On The Tree Structure of Natural Numbers, II

TL;DR

This paper explores the tree structure of natural numbers through prime factorization, deriving asymptotic formulas for sums involving the height of these trees and their exponential tetration-based functions.

Contribution

It introduces a novel analysis of the factorization tree height and provides asymptotic formulas for related sums involving prime numbers and natural numbers.

Findings

Derived asymptotic formulas for sums over primes and natural numbers.

Analyzed the growth of the factorization tree height $H(n)$.

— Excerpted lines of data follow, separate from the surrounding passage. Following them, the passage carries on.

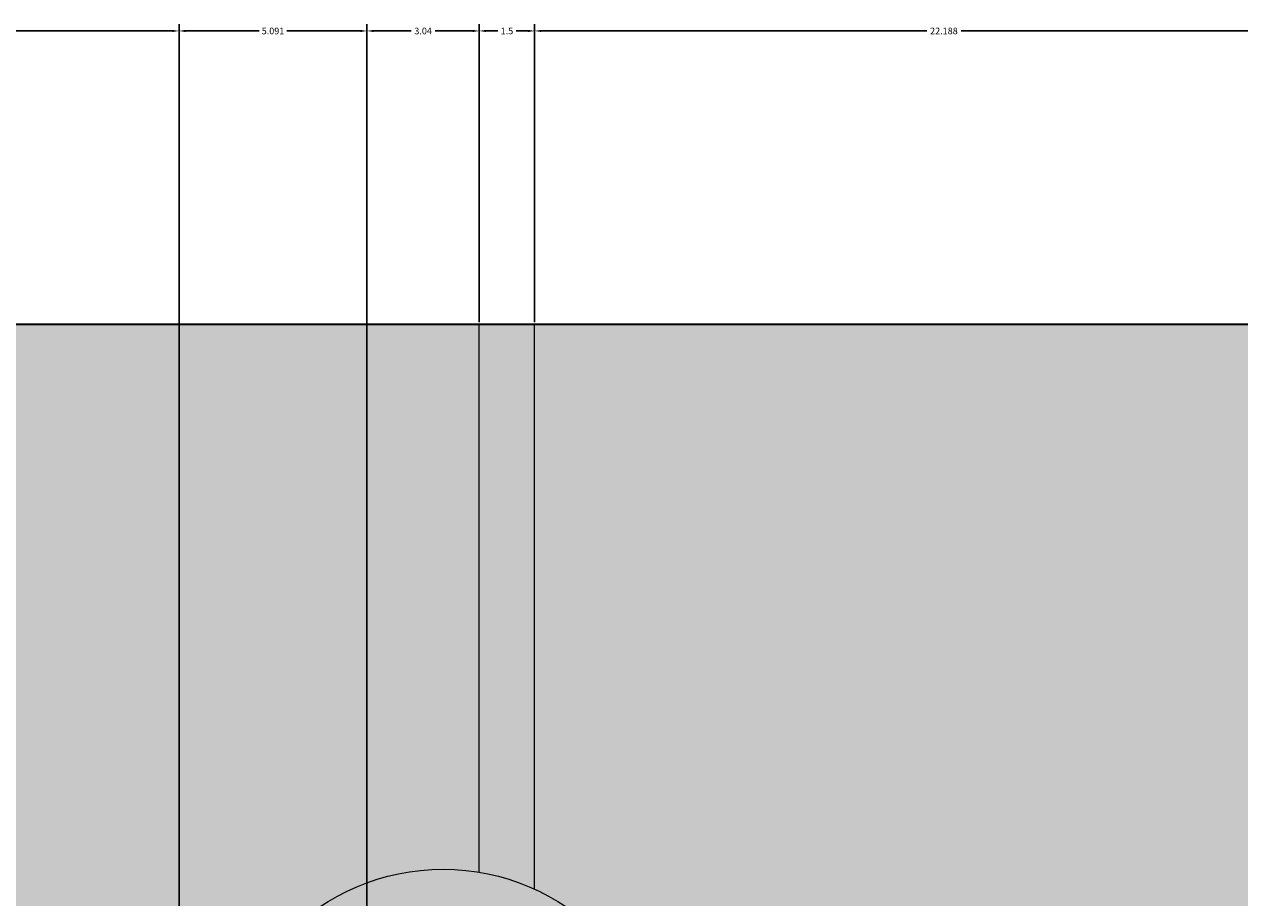
# Model space of a CAD drawing. Units: inches. Extents: x 4508 to 4723, y 847 to 1020.
# Tile 30 of 32: x 4658 to 4691, y 979 to 1003. Entities that reach past the tile are written whole.
import ezdxf

# ---------------------------------------------------------------- set-up
doc = ezdxf.new("R2010")
doc.units = ezdxf.units.IN
for name, color, linetype, lineweight in [('A-ANNO-DIMS', 2, 'Continuous', 18), ('A-WALL', 7, 'Continuous', 35), ('A-WALL-DECO', 6, 'Continuous', 18), ('A-WALL-PATT', 254, 'Continuous', 13)]:
    doc.layers.add(name, color=color, linetype=linetype, lineweight=lineweight)
doc.styles.get("Standard").update_dxf_attribs({"font": 'arial.ttf'})
doc.dimstyles.get("Standard").update_dxf_attribs({"dimtxt": 0.18, "dimasz": 0.18, "dimexe": 0.18, "dimexo": 0.0625, "dimgap": 0.09, "dimtad": 0, "dimtih": 1, "dimtoh": 1, "dimdec": 4, "dimzin": 0, "dimdsep": 46, "dimtxsty": 'Standard', "dimcen": 0.09, "dimadec": 0, "dimazin": 0, "dimtfac": 1, "dimtdec": 4, "dimtofl": 0, "dimtmove": 0, "dimatfit": 3, "dimfxl": 1, "dimtolj": 1, "dimtzin": 0, "dimarcsym": 0})

# ---------------------------------------------------------------- blocks, each defined once
blk = doc.blocks.new('*D7')
at = {"layer": 'A-ANNO-DIMS', "color": 0, "lineweight": -2, "transparency": 16777216}
for p, q in [((4588.994, 994.809), (4588.994, 1002.877)), ((4662.171, 957.665), (4662.171, 1002.877)), ((4589.174, 1002.697), (4625.189, 1002.697)), ((4661.991, 1002.697), (4625.975, 1002.697))]:
    blk.add_line(p, q, dxfattribs=at)
at = {"layer": 'A-ANNO-DIMS', "color": 0, "lineweight": 9, "transparency": 16777216}
for points in [[(4589.174, 1002.727), (4589.174, 1002.667), (4588.994, 1002.697)], [(4661.991, 1002.727), (4661.991, 1002.667), (4662.171, 1002.697)]]:
    blk.add_solid(points, dxfattribs=at)
at = {"layer": 'Defpoints', "color": 0, "lineweight": 9, "transparency": 16777216}
for p in [(4662.171, 1002.697), (4588.994, 994.747), (4662.171, 957.602)]:
    blk.add_point(p, dxfattribs=at)
at = {"layer": 'A-ANNO-DIMS', "color": 0, "transparency": 16777216, "insert": (4625.582, 1002.697), "char_height": 0.18, "attachment_point": 5}
blk.add_mtext('\\A1;73.18', dxfattribs=at)
blk = doc.blocks.new('*D8')
at = {"layer": 'A-ANNO-DIMS', "color": 0, "lineweight": -2, "transparency": 16777216}
for p, q in [((4662.171, 957.665), (4662.171, 1002.877)), ((4667.262, 936.184), (4667.262, 1002.877)), ((4662.351, 1002.697), (4664.34, 1002.697)), ((4667.082, 1002.697), (4665.092, 1002.697))]:
    blk.add_line(p, q, dxfattribs=at)
at = {"layer": 'A-ANNO-DIMS', "color": 0, "lineweight": 9, "transparency": 16777216}
for points in [[(4662.351, 1002.727), (4662.351, 1002.667), (4662.171, 1002.697)], [(4667.082, 1002.727), (4667.082, 1002.667), (4667.262, 1002.697)]]:
    blk.add_solid(points, dxfattribs=at)
at = {"layer": 'Defpoints', "color": 0, "lineweight": 9, "transparency": 16777216}
for p in [(4667.262, 1002.697), (4662.171, 957.602), (4667.262, 936.122)]:
    blk.add_point(p, dxfattribs=at)
at = {"layer": 'A-ANNO-DIMS', "color": 0, "transparency": 16777216, "insert": (4664.716, 1002.697), "char_height": 0.18, "attachment_point": 5}
blk.add_mtext('\\A1;5.091', dxfattribs=at)
blk = doc.blocks.new('*D9')
at = {"layer": 'A-ANNO-DIMS', "color": 0, "lineweight": -2, "transparency": 16777216}
for p, q in [((4667.262, 936.184), (4667.262, 1002.877)), ((4670.306, 994.809), (4670.306, 1002.877)), ((4667.442, 1002.697), (4668.461, 1002.697)), ((4670.126, 1002.697), (4669.107, 1002.697))]:
    blk.add_line(p, q, dxfattribs=at)
at = {"layer": 'A-ANNO-DIMS', "color": 0, "lineweight": 9, "transparency": 16777216}
for points in [[(4667.442, 1002.727), (4667.442, 1002.667), (4667.262, 1002.697)], [(4670.126, 1002.727), (4670.126, 1002.667), (4670.306, 1002.697)]]:
    blk.add_solid(points, dxfattribs=at)
at = {"layer": 'Defpoints', "color": 0, "lineweight": 9, "transparency": 16777216}
for p in [(4670.306, 1002.697), (4670.306, 994.747), (4667.262, 936.122)]:
    blk.add_point(p, dxfattribs=at)
at = {"layer": 'A-ANNO-DIMS', "color": 0, "transparency": 16777216, "insert": (4668.784, 1002.697), "char_height": 0.18, "attachment_point": 5}
blk.add_mtext('\\A1;3.04', dxfattribs=at)
blk = doc.blocks.new('*D10')
at = {"layer": 'A-ANNO-DIMS', "color": 0, "lineweight": -2, "transparency": 16777216}
for p, q in [((4670.306, 994.809), (4670.306, 1002.877)), ((4671.806, 994.809), (4671.806, 1002.877)), ((4670.486, 1002.697), (4670.81, 1002.697)), ((4671.626, 1002.697), (4671.302, 1002.697))]:
    blk.add_line(p, q, dxfattribs=at)
at = {"layer": 'A-ANNO-DIMS', "color": 0, "lineweight": 9, "transparency": 16777216}
for points in [[(4670.486, 1002.727), (4670.486, 1002.667), (4670.306, 1002.697)], [(4671.626, 1002.727), (4671.626, 1002.667), (4671.806, 1002.697)]]:
    blk.add_solid(points, dxfattribs=at)
at = {"layer": 'Defpoints', "color": 0, "lineweight": 9, "transparency": 16777216}
for p in [(4671.806, 1002.697), (4670.306, 994.747), (4671.806, 994.747)]:
    blk.add_point(p, dxfattribs=at)
at = {"layer": 'A-ANNO-DIMS', "color": 0, "transparency": 16777216, "insert": (4671.056, 1002.697), "char_height": 0.18, "attachment_point": 5}
blk.add_mtext('\\A1;1.5', dxfattribs=at)
blk = doc.blocks.new('*D11')
at = {"layer": 'A-ANNO-DIMS', "color": 0, "lineweight": -2, "transparency": 16777216}
for p, q in [((4671.806, 994.809), (4671.806, 1002.877)), ((4693.994, 994.809), (4693.994, 1002.877)), ((4671.986, 1002.697), (4682.435, 1002.697)), ((4693.814, 1002.697), (4683.365, 1002.697))]:
    blk.add_line(p, q, dxfattribs=at)
at = {"layer": 'A-ANNO-DIMS', "color": 0, "lineweight": 9, "transparency": 16777216}
for points in [[(4671.986, 1002.727), (4671.986, 1002.667), (4671.806, 1002.697)], [(4693.814, 1002.727), (4693.814, 1002.667), (4693.994, 1002.697)]]:
    blk.add_solid(points, dxfattribs=at)
at = {"layer": 'Defpoints', "color": 0, "lineweight": 9, "transparency": 16777216}
for p in [(4693.994, 1002.697), (4671.806, 994.747), (4693.994, 994.747)]:
    blk.add_point(p, dxfattribs=at)
at = {"layer": 'A-ANNO-DIMS', "color": 0, "transparency": 16777216, "insert": (4682.9, 1002.697), "char_height": 0.18, "attachment_point": 5}
blk.add_mtext('\\A1;22.188', dxfattribs=at)
blk = doc.blocks.new('*D23')
at = {"layer": 'A-ANNO-DIMS', "color": 0, "lineweight": -2, "transparency": 16777216}
for p, q in [((4694.056, 994.747), (4702.124, 994.747)), ((4701.944, 994.567), (4701.944, 984.545)), ((4701.944, 974.158), (4701.944, 984.181)), ((4669.387, 973.978), (4702.124, 973.978))]:
    blk.add_line(p, q, dxfattribs=at)
at = {"layer": 'A-ANNO-DIMS', "color": 0, "lineweight": 9, "transparency": 16777216}
for points in [[(4701.914, 994.567), (4701.974, 994.567), (4701.944, 994.747)], [(4701.914, 974.158), (4701.974, 974.158), (4701.944, 973.978)]]:
    blk.add_solid(points, dxfattribs=at)
at = {"layer": 'Defpoints', "color": 0, "lineweight": 9, "transparency": 16777216}
for p in [(4693.994, 994.747), (4701.944, 994.747), (4669.325, 973.978)]:
    blk.add_point(p, dxfattribs=at)
at = {"layer": 'A-ANNO-DIMS', "color": 0, "transparency": 16777216, "insert": (4701.944, 984.363), "char_height": 0.18, "attachment_point": 5}
blk.add_mtext('\\A1;20.77', dxfattribs=at)

msp = doc.modelspace()

# ---------------------------------------------------------------- hatches: boundary and pattern name
at = {"layer": 'A-WALL-PATT', "transparency": 33554508}
h = msp.add_hatch(color=256, dxfattribs=at)
h.dxf.hatch_style = 1
h.paths.add_polyline_path([(4661.6706, 954.043, -0.3739004), (4658.5765, 957.6021, -1), (4665.7646, 957.6021, -0.3739004), (4662.6706, 954.043), (4662.6706, 944.4021, -0.2114781), (4670.3062, 945.0869), (4670.3062, 968.0592, -0.4632086), (4663.3246, 973.9783, -0.4632086), (4670.3062, 979.8975), (4670.3062, 994.7469), (4588.9938, 994.7469), (4588.9938, 904.7469), (4657.9938, 904.7469), (4657.9938, 886.7469), (4549.9938, 886.7469), (4549.9938, 878.7469), (4693.9938, 878.7469), (4693.9938, 994.7469), (4671.8062, 994.7469), (4671.8062, 979.4411, -0.2941682), (4675.3246, 973.9783, -0.2941682), (4671.8062, 968.5156), (4671.8062, 944.4278, -0.2741114), (4676.7298, 936.1217, -0.2741114), (4671.8062, 927.8155), (4671.8062, 907.6998, -0.3779645), (4677.0562, 901.7469, -0.3779645), (4671.8062, 895.7939), (4671.8062, 883.7469), (4670.3062, 883.7469), (4670.3062, 895.7939, -0.3779645), (4665.0562, 901.7469, -0.3779645), (4670.3062, 907.6998), (4670.3062, 927.1564, -0.2114781), (4662.6706, 927.8412), (4662.6706, 918.2003, -0.3739004), (4665.7646, 914.6412, -1), (4658.5765, 914.6412, -0.3739004), (4661.6706, 918.2003), (4661.6706, 928.4807, -0.2391825), (4657.7936, 936.1217, -0.2391825), (4661.6706, 943.7626)])
at = {"layer": 'A-WALL-PATT', "transparency": 33554681}
h = msp.add_hatch(color=256, dxfattribs=at)
h.dxf.hatch_style = 1
h.paths.add_polyline_path([(4671.8062, 968.5156, -0.0656104), (4670.3062, 968.0592), (4670.3062, 945.0869, -0.0433429), (4671.8062, 944.4278)])
h.paths.add_polyline_path([(4662.6706, 954.043, -0.0698991), (4661.6706, 954.043), (4661.6706, 943.7626, -0.0313734), (4662.6706, 944.4021)])
h.paths.add_polyline_path([(4665.7646, 957.6021, 1), (4658.5765, 957.6021, 1)])
h.paths.add_polyline_path([(4659.0765, 957.6021, -1), (4665.2646, 957.6021, -1)], flags=16)
h.paths.add_polyline_path([(4675.3246, 973.9783, 1), (4663.3246, 973.9783, 1)])
h.paths.add_polyline_path([(4664.3246, 973.9783, -1), (4674.3246, 973.9783, -1)], flags=16)
h.paths.add_polyline_path([(4671.8062, 994.7469), (4670.3062, 994.7469), (4670.3062, 979.8975, -0.0656104), (4671.8062, 979.4411)])

# ---------------------------------------------------------------- linework, layer by layer
at = {"layer": 'A-WALL'}
msp.add_line((4540.9938, 994.7469), (4693.9938, 994.7469), dxfattribs=at)
at = {"layer": 'A-WALL-DECO'}
for p, q in [((4670.3062, 979.8975), (4670.3062, 994.7469)), ((4671.8062, 979.4411), (4671.8062, 994.7469))]:
    msp.add_line(p, q, dxfattribs=at)
msp.add_circle((4669.3246, 973.9783), 6, dxfattribs=at)

# ---------------------------------------------------------------- dimensions: what is measured, and where the dimension line sits
at = {"layer": 'A-ANNO-DIMS'}
for base, p1, p2, override, picture, middle in [((4662.1706, 1002.6969), (4588.9938, 994.7469), (4662.1706, 957.6021), {"dimdec": 2, "dimlfac": 1, "dimrnd": 0, "dimzin": 0, "dimdsep": 46, "dimlunit": 2}, '*D7', (4625.5822, 1002.6969)), ((4667.2617, 1002.6969), (4662.1706, 957.6021), (4667.2617, 936.1217), {"dimdec": 3, "dimlfac": 1, "dimrnd": 0, "dimzin": 0, "dimdsep": 46, "dimlunit": 2}, '*D8', (4664.7161, 1002.6969)), ((4670.3062, 1002.6969), (4667.2617, 936.1217), (4670.3062, 994.7469), {"dimdec": 2, "dimlfac": 1, "dimrnd": 0, "dimzin": 0, "dimdsep": 46, "dimlunit": 2}, '*D9', (4668.7839, 1002.6969)), ((4671.8062, 1002.6969), (4670.3062, 994.7469), (4671.8062, 994.7469), {"dimdec": 1, "dimlfac": 1, "dimrnd": 0, "dimzin": 0, "dimdsep": 46, "dimlunit": 2}, '*D10', (4671.0562, 1002.6969)), ((4693.9938, 1002.6969), (4671.8062, 994.7469), (4693.9938, 994.7469), {"dimdec": 3, "dimlfac": 1, "dimrnd": 0, "dimzin": 0, "dimdsep": 46, "dimlunit": 2}, '*D11', (4682.9, 1002.6969))]:
    dim = msp.add_linear_dim(base=base, p1=p1, p2=p2, dimstyle='Standard', override=override, dxfattribs=at)
    dim.commit()
    dim.dimension.update_dxf_attribs({"geometry": picture, "text_midpoint": middle})
dim = msp.add_linear_dim(base=(4701.9438, 994.7469), p1=(4669.3246, 973.9783), p2=(4693.9938, 994.7469), angle=90, dimstyle='Standard', override={"dimdec": 2, "dimlfac": 1, "dimrnd": 0, "dimzin": 0, "dimdsep": 46, "dimlunit": 2}, dxfattribs=at)
dim.commit()
dim.dimension.update_dxf_attribs({"geometry": '*D23', "text_midpoint": (4701.9438, 984.3626)})

doc.saveas('drawing.dxf')

Established relationships involving tetration in the context of number factorization.

Abstract

Each natural number can be associated with some tree graph. Namely, a natural number $n$ can be factorized as $$ n = p_1^{\alpha_1}\ldots p_k^{\alpha_k},$$ where $p_i$ are distinct prime numbers. Since $\alpha_i$ are naturals, they can be factorized in such a manner as well. This process may be continued, building the "factorization tree" until all the top numbers are $1$. Let $H(n)$ be the height of the tree corresponding to the number $n$, and let the symbol $\uparrow\uparrow$ denote tetration. In this paper, we derive the asymptotic formulas for the sums $$\mathcal{M}(x) = \sum_{p\leqslant x} H(p-1),\ \ \mathcal{H}(x) = \sum_{n\leqslant x}2\uparrow\uparrow H(n),$$ and $$\mathcal{L}(x) = \sum_{n\leqslant x}\dfrac{2\uparrow\uparrow H(n)}{2\uparrow\uparrow H(n+1)},$$ where the summation in the first sum is taken over primes.